For this cooperative system to work correctly, the underlying job runner must execute Yantra's internal StepJob classes with **retries enabled** and a **sufficient attempt limit**.

**Yantra provides sensible defaults for this out-of-the-box:**

* **Internal Defaults:** Yantra's built-in adapter job classes (`Yantra::Worker::ActiveJob::StepJob` and `Yantra::Worker::Sidekiq::StepJob` [if available]) include internal configurations that enable backend retries with a default limit (typically **25 attempts**, aligning with Sidekiq's standard). This uses ActiveJob's `retry_on` or Sidekiq's `sidekiq_options` internally within the adapter code.
* **User Configuration:** In most scenarios, **no additional configuration is required** by the user specifically for Yantra's retry mechanism. The built-in defaults ensure the backend retry functionality is available for Yantra to leverage.

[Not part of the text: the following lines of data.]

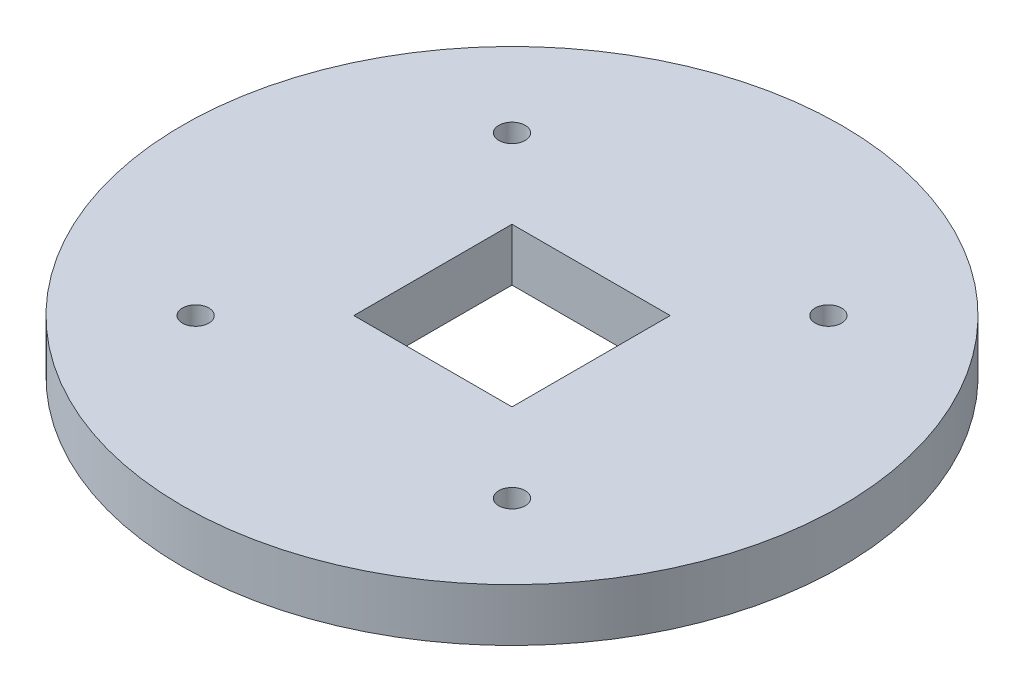
from build123d import *

# Parameters (mm, degrees)
SKETCH1_R           = 12.5
SKETCH1_R_2         = 0.5
SKETCH1_W           = 6
SKETCH1_H           = 6
BOSS_EXTRUDE1_DEPTH = 2


with BuildPart() as part:
    # Sketch1 → Boss-Extrude1 (new body)
    with BuildSketch(Plane(origin=(0, 0, 0), x_dir=(1, 0, 0), z_dir=(0, 1, 0))):
        with Locations(Location((0, 0, 0), (0, 0, 270))):
            Circle(SKETCH1_R)
        with Locations(Location((-6, 6, 0), (0, 0, 270))):
            Circle(SKETCH1_R_2, mode=Mode.SUBTRACT)
        with Locations(Location((6, 6, 0), (0, 0, 270))):
            Circle(SKETCH1_R_2, mode=Mode.SUBTRACT)
        with Locations(Location((-6, -6, 0), (0, 0, 270))):
            Circle(SKETCH1_R_2, mode=Mode.SUBTRACT)
        with Locations(Location((6, -6, 0), (0, 0, 270))):
            Circle(SKETCH1_R_2, mode=Mode.SUBTRACT)
        Rectangle(SKETCH1_W, SKETCH1_H, mode=Mode.SUBTRACT)
    extrude(amount=BOSS_EXTRUDE1_DEPTH)


solid = part.part
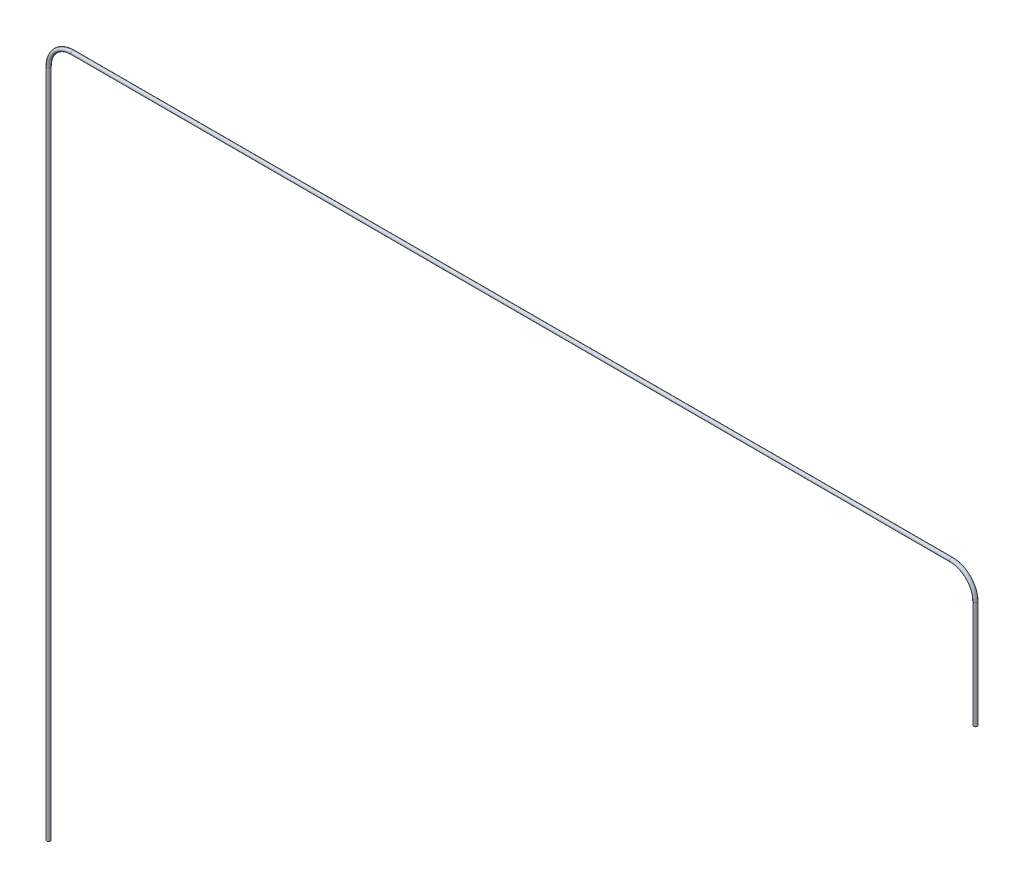
SolidWorks part; units mm, degrees
ref_plane "Front Plane" through (0, 0, 0) normal (0, 0, 1) x (1, 0, 0)
ref_plane "Top Plane" through (0, 0, 0) normal (0, 1, 0) x (1, 0, 0)
ref_plane "Right Plane" through (0, 0, 0) normal (1, 0, 0) x (0, 0, -1)
sketch "Sketch1" plane through (0, 0, 0) normal (0, 0, 1) x (1, 0, 0)
  line L0 (0, 0) -> (0, 1173)
  line L1 (42, 1215) -> (1580, 1215)
  line L2 (1622, 1173) -> (1622, 985)
  arc A0 (1580, 1215) -> (1622, 1173) centre (1580, 1173) cw
  arc A1 (0, 1173) -> (42, 1215) centre (42, 1173) cw
  point P7 (1622, 1215)
  point P10 (0, 1215)
  dimension "D3" = 42
  dimension "D1" = 1622
  dimension "D2" = 1215
  dimension "D4" = 230
sketch "Sketch2" plane through (0, 0, 0) normal (0, 1, 0) x (1, 0, 0)
  circle A0 centre (0, 0) radius 3.25
  dimension "D1" = 6.5
sweep "Sweep1" add profiles "Sketch2" path "Sketch1"

**Important Considerations:**

* **DO NOT Disable Backend Retries:** It is crucial that you **do not** globally disable retries in your job backend or specifically configure Yantra's job classes (e.g., via global ActiveJob settings or monkey-patching) with `retry: false`, `attempts: 0`, or equivalent. Disabling backend retries will prevent Yantra's retry logic from functioning as intended.
* **Sufficient Attempts:** The default backend attempt limit provided by Yantra's adapters (e.g., 25) is designed to be sufficient for most use cases. If you configure a specific Yantra step to require *more* retries than this backend limit (e.g., `retries: 30` in Yantra), the backend runner would stop retrying prematurely. This is generally an edge case; exceptionally high retry counts might warrant rethinking the step's design.
* **Potential Overrides (ActiveJob):** If using the `:active_job` adapter, be aware that global settings in your `ApplicationJob` (from which Yantra's `ActiveJob::StepJob` likely inherits) could potentially influence retry behavior. However, the specific `retry_on` configuration within Yantra's `StepJob` should generally take precedence for the errors it covers.
* **Customizing Attempts (Advanced):** If you have a specific need to change the number of backend retry attempts for Yantra jobs (e.g., increase it beyond the default 25), you may need to investigate advanced techniques like subclassing Yantra's adapter job or checking if Yantra offers configuration overrides via `config.worker_adapter_options`.

**In summary:** Yantra is designed to work with standard backend retry mechanisms enabled, and it includes internal defaults to facilitate this. Ensure you don't disable backend retries, and Yantra's retry system should work as expected.

## Development

After checking out the repo, run `bin/setup` to install dependencies. Then, run `rake test` to run the tests. You can also run `bin/console` for an interactive prompt that will allow you to experiment.

To install this gem onto your local machine, run `bundle exec rake install`. To release a new version, update the version number in `version.rb`, and then run `bundle exec rake release`, which will create a git tag for the version, push git commits and the tag, and push the `.gem` file to [rubygems.org](https://rubygems.org).

## Contributing

Bug reports and pull requests are welcome on GitHub at https://github.com/incorvia/yantra. This project is intended to be a safe, welcoming space for collaboration, and contributors are expected to adhere to the [code of conduct](link/to/your/CODE_OF_CONDUCT.md).

## License

The gem is available as open source under the terms of the [MIT License](https://opensource.org/licenses/MIT).

## Code of Conduct

Everyone interacting in the Yantra project's codebases, issue trackers, chat rooms and mailing lists is expected to follow the [code of conduct](link/to/your/CODE_OF_CONDUCT.md).